Thousands of businesses are in danger of falling foul of the new Data Protection Act, which regulates details held about employees, clients and suppliers.

According to the South Eastern Society of Chartered Accountants (SESCA), the revised act is so complicated most firms are finding it difficult to ensure their data is held lawfully and fairly.

Society president George Holdstock said there were now tighter controls over records and organisations were required to be more open about the intended use of information.

It was essential for firms to examine their records and decide if the information was relevant and up to date.

He said: "Some requirements, such as how long details of former employees should be kept, aren't at all clear.

"The decision will depend on the size of the business, the number of employees and the type of data held."

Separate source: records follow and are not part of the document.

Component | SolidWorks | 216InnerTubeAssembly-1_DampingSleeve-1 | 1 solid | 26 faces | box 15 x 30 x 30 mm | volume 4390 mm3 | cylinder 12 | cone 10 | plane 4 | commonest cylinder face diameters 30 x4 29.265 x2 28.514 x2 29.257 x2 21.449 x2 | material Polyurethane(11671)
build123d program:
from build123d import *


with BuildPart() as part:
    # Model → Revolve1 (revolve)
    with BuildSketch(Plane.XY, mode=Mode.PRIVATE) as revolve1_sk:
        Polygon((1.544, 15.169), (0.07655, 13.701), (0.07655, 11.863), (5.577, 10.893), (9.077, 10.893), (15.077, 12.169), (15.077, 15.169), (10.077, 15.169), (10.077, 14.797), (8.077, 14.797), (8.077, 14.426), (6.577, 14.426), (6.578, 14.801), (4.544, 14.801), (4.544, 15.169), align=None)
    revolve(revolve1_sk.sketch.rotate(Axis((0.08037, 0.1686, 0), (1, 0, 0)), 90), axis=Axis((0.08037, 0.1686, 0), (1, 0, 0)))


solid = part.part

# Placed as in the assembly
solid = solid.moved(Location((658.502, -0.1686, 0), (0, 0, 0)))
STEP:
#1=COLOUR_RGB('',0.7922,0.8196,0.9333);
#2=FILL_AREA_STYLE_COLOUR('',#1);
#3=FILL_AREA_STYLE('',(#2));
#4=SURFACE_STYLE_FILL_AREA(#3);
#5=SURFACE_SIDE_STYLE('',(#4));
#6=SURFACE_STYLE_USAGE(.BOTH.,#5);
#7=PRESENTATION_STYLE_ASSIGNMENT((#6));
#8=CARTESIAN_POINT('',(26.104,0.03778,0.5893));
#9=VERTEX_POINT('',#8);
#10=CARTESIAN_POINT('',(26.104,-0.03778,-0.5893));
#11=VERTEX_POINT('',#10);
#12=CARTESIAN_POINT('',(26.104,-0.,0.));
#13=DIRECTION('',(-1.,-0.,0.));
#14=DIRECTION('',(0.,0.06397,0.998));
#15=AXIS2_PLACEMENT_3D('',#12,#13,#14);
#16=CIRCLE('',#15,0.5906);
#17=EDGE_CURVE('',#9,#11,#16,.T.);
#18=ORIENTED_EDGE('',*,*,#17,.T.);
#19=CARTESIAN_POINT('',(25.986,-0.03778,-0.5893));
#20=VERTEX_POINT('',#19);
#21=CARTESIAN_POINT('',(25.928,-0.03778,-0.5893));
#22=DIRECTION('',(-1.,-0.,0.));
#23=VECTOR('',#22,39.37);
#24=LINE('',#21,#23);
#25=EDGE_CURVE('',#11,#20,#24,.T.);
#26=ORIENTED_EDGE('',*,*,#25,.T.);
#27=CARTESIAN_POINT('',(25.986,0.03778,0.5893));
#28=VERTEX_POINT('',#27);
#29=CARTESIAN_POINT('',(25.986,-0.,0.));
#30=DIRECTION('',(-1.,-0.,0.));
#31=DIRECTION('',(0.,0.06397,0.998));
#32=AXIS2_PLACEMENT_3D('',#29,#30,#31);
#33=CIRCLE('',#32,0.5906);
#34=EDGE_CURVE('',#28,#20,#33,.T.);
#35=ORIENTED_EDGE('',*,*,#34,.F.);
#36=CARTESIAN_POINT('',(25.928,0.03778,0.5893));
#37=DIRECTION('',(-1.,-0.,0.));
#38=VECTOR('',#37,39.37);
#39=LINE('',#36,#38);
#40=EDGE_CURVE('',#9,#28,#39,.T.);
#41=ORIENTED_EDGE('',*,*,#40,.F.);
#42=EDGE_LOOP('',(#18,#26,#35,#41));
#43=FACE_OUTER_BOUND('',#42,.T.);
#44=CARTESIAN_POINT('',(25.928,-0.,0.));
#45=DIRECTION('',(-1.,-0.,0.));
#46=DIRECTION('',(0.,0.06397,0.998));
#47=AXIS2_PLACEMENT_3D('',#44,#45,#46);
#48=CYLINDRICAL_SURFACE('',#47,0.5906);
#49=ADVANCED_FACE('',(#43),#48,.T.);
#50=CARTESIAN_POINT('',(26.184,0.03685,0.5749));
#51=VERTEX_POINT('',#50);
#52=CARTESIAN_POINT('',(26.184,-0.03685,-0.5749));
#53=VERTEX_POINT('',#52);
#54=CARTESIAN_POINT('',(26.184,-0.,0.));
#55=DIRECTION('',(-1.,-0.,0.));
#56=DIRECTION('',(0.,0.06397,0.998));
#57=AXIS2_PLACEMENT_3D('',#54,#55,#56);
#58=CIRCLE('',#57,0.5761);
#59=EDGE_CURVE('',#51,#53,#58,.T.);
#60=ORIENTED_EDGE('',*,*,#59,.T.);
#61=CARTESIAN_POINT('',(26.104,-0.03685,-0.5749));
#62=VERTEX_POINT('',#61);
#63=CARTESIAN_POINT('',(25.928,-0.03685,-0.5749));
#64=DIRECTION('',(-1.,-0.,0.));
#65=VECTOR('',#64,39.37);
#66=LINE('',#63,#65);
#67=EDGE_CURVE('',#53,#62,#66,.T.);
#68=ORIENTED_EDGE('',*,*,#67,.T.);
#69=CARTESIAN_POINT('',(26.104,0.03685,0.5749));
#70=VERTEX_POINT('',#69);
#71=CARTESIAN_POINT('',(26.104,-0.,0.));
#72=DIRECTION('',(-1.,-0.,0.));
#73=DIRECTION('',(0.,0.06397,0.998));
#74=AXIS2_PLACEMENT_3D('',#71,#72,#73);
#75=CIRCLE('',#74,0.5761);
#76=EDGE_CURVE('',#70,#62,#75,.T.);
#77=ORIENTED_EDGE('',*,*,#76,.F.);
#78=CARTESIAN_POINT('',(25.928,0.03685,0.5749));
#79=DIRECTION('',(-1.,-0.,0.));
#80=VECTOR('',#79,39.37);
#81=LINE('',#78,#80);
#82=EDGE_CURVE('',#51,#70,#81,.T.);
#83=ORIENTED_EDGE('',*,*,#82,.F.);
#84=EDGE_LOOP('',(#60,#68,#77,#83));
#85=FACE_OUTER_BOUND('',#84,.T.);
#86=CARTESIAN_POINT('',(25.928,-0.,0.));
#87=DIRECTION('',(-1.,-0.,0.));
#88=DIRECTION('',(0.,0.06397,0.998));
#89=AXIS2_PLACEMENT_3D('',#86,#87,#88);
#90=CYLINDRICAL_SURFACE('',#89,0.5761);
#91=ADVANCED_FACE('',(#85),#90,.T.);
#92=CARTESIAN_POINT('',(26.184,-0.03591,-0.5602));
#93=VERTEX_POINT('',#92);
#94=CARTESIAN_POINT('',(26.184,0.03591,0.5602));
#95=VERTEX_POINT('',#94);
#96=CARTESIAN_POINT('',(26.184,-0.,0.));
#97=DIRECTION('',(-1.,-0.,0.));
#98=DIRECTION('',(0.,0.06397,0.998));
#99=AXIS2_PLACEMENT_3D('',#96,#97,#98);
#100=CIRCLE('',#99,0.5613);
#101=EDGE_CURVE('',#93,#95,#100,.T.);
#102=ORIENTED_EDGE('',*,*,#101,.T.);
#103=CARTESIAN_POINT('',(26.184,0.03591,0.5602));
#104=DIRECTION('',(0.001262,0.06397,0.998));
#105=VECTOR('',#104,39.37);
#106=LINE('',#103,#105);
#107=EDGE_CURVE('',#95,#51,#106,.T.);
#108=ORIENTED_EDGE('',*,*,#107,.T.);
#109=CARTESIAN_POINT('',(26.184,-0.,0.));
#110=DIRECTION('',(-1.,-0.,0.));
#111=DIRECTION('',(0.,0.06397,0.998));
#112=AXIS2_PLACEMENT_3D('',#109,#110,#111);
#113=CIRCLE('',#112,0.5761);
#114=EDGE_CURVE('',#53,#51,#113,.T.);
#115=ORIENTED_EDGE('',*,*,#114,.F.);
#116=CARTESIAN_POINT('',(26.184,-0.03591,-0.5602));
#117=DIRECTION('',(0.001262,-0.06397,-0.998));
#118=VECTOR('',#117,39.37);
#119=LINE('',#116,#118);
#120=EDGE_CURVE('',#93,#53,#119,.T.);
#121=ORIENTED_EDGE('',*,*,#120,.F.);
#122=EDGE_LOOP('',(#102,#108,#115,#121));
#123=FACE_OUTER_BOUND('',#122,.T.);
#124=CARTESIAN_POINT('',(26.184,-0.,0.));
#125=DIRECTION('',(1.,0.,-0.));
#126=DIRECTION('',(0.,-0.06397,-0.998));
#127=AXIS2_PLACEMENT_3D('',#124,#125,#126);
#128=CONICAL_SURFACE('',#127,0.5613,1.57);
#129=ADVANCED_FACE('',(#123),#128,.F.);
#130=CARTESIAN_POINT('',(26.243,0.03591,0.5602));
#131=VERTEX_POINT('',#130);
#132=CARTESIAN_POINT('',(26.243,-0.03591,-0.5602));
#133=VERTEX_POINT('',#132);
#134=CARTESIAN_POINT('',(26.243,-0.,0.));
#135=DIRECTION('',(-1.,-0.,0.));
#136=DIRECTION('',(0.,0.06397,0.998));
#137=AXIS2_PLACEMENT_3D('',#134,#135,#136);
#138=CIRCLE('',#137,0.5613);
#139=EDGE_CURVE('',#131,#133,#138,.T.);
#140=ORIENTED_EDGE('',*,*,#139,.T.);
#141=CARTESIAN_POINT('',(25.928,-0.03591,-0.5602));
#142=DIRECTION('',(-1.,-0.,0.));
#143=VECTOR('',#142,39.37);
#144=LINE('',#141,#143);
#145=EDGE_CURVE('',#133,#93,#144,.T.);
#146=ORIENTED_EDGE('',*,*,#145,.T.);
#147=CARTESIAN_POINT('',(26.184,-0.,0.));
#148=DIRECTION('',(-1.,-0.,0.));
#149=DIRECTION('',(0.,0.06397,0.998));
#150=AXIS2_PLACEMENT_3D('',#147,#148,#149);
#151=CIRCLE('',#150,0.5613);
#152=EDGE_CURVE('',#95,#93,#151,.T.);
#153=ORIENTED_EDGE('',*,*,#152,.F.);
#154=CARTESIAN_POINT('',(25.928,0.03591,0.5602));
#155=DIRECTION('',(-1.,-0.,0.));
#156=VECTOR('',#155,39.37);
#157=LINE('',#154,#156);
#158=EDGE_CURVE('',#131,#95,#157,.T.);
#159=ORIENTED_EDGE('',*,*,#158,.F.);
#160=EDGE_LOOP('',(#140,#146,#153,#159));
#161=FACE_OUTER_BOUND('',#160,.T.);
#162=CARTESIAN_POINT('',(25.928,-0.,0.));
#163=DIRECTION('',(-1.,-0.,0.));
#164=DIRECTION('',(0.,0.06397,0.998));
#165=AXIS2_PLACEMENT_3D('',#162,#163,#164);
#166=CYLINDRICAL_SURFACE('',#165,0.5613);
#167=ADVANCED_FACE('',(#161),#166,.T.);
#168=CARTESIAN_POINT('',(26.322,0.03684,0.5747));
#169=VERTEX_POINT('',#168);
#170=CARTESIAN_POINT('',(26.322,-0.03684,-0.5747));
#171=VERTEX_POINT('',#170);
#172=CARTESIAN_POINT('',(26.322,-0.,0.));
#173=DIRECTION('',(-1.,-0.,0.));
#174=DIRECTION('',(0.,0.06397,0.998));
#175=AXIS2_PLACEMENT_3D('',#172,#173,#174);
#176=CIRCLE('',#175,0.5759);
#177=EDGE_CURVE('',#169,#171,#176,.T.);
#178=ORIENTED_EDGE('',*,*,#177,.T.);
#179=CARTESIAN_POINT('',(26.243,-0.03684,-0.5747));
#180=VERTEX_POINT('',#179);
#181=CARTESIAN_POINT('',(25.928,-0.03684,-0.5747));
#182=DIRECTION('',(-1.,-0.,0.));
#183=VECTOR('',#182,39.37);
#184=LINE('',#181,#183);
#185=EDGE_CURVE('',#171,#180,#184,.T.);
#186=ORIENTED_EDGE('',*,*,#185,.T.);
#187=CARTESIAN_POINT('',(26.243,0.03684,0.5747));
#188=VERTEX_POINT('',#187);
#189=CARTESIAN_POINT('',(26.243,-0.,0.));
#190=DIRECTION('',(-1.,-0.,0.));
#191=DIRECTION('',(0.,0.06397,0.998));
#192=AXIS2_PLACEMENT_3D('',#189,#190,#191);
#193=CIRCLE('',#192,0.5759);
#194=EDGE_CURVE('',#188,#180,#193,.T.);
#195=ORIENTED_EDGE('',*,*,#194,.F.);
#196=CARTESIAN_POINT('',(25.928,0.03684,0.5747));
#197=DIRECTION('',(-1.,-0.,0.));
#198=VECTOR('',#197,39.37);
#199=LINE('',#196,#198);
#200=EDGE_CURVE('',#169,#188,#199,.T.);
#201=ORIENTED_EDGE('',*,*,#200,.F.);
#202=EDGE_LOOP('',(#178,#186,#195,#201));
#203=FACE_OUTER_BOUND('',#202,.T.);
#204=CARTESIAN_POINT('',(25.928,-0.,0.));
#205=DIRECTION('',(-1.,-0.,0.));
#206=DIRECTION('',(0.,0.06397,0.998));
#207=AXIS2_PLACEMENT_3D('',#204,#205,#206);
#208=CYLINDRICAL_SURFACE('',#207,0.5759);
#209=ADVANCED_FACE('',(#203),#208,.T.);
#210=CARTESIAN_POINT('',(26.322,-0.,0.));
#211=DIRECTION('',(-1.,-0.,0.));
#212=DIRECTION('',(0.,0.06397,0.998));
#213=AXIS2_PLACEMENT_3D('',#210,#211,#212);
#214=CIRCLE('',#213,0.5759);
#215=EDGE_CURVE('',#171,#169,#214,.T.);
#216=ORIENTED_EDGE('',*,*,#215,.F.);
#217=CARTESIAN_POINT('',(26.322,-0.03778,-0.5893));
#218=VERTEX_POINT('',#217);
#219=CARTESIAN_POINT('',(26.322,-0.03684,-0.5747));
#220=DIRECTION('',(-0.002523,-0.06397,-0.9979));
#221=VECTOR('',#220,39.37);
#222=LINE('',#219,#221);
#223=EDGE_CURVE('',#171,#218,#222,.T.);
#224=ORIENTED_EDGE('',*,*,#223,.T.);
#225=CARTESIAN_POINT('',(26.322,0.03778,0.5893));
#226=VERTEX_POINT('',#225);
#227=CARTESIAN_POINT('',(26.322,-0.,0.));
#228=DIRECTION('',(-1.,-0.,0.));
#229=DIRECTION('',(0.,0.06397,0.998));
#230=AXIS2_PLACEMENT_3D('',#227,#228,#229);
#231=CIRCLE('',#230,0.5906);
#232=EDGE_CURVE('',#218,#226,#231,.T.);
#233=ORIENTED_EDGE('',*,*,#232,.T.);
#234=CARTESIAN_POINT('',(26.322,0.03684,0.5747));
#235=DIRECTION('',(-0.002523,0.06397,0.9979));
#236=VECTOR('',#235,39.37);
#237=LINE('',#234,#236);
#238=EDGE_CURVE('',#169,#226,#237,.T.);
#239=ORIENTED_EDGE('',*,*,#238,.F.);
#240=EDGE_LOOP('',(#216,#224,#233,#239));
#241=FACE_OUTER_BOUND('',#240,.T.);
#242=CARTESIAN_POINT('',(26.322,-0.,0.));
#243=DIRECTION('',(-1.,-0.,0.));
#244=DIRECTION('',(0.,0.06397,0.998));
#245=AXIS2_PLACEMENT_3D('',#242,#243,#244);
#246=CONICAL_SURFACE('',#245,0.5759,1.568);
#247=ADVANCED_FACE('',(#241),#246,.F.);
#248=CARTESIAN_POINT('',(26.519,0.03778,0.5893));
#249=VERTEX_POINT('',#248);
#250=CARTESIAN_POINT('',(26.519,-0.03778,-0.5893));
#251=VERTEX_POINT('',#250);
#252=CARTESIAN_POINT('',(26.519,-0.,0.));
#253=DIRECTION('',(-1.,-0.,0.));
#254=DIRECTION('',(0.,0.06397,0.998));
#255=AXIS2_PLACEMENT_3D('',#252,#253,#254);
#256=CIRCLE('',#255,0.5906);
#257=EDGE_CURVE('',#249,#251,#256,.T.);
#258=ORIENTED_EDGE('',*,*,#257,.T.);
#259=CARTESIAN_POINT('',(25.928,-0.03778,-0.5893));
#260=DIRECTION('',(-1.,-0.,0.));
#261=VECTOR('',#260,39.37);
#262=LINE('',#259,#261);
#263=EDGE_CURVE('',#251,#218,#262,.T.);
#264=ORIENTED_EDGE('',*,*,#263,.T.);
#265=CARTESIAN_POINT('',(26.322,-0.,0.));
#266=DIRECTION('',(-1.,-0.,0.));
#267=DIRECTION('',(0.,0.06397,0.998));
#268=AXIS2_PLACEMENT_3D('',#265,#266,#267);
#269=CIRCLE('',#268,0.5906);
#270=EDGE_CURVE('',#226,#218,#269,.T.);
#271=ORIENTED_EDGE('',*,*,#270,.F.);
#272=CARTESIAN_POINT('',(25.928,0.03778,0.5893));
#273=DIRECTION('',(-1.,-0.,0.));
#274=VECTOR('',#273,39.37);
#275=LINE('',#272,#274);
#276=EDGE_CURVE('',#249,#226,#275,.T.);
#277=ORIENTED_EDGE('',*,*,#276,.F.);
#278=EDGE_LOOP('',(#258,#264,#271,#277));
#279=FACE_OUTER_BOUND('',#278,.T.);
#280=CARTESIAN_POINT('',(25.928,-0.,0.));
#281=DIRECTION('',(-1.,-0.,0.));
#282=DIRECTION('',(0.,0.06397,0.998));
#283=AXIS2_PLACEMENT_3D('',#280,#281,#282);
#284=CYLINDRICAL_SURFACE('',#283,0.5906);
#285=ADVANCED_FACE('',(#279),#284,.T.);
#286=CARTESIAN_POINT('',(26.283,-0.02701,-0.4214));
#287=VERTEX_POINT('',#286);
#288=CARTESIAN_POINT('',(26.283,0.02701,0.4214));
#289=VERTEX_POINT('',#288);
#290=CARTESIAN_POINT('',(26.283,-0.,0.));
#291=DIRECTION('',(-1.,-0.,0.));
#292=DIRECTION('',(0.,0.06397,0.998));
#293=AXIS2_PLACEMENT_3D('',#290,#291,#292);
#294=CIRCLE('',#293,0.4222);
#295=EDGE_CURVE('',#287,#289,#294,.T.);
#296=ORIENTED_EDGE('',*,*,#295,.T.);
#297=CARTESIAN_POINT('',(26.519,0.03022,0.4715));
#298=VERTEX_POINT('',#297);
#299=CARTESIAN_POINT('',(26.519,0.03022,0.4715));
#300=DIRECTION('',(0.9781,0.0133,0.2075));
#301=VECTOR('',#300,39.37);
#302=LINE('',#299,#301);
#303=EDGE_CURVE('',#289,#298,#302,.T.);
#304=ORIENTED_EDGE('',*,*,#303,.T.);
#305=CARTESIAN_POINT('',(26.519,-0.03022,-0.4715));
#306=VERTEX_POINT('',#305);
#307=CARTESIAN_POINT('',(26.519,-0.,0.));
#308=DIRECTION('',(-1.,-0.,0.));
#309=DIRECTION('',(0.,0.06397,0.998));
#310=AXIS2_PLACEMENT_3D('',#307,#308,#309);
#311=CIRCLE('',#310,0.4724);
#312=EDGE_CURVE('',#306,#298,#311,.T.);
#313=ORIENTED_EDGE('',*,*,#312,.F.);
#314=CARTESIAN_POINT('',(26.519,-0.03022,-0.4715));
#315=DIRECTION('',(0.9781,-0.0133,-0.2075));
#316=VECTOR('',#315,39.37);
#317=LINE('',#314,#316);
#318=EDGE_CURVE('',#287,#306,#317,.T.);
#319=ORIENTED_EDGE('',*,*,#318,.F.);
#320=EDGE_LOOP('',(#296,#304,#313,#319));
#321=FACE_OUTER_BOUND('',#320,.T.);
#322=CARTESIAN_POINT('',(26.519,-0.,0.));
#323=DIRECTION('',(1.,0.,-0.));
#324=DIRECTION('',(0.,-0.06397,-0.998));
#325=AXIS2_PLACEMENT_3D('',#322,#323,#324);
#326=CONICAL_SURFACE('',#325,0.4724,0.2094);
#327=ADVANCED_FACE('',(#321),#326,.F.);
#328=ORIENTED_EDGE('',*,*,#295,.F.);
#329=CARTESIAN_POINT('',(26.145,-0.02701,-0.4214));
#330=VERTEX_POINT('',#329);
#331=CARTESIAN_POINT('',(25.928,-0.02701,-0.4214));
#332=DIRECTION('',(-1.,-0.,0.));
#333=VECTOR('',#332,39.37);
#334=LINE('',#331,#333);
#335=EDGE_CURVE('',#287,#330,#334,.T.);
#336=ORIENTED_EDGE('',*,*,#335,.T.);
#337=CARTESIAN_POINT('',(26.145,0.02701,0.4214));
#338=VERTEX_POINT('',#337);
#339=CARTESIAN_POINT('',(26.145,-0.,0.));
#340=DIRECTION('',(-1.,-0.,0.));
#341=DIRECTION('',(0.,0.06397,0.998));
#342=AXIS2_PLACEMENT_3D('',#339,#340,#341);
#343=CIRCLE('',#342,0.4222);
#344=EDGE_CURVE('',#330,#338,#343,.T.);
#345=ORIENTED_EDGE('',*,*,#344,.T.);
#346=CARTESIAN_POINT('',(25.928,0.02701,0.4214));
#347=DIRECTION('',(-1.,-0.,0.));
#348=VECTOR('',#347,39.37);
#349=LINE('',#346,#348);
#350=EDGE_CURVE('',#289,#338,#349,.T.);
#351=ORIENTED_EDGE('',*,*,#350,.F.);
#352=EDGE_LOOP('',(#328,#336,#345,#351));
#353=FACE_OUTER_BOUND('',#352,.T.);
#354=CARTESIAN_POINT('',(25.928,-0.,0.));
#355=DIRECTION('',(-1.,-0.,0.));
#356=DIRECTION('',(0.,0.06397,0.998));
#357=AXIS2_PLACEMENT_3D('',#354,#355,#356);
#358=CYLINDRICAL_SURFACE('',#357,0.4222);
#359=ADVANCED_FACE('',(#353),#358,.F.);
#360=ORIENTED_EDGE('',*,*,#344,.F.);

In some cases, such as bank details for paying wages, the consent of individuals can be assumed.

But for retention of other sensitive data, explicit consent must be obtained.

Mr Holdstock said: "This could involve medical histories, political affiliations and details of ethnic origin.

"The new law also covers some types of paper files as well as computer records and practice will vary widely from company to company."

The Data Protection Commission has launched a campaign called Information Padlock aimed at firms requesting personal details.

Firms displaying the padlock symbol agree to explain why information is being requested and how it will be used.

Companies in breach of the Data Protection Act could have to pay compensation for any financial loss or personal distress.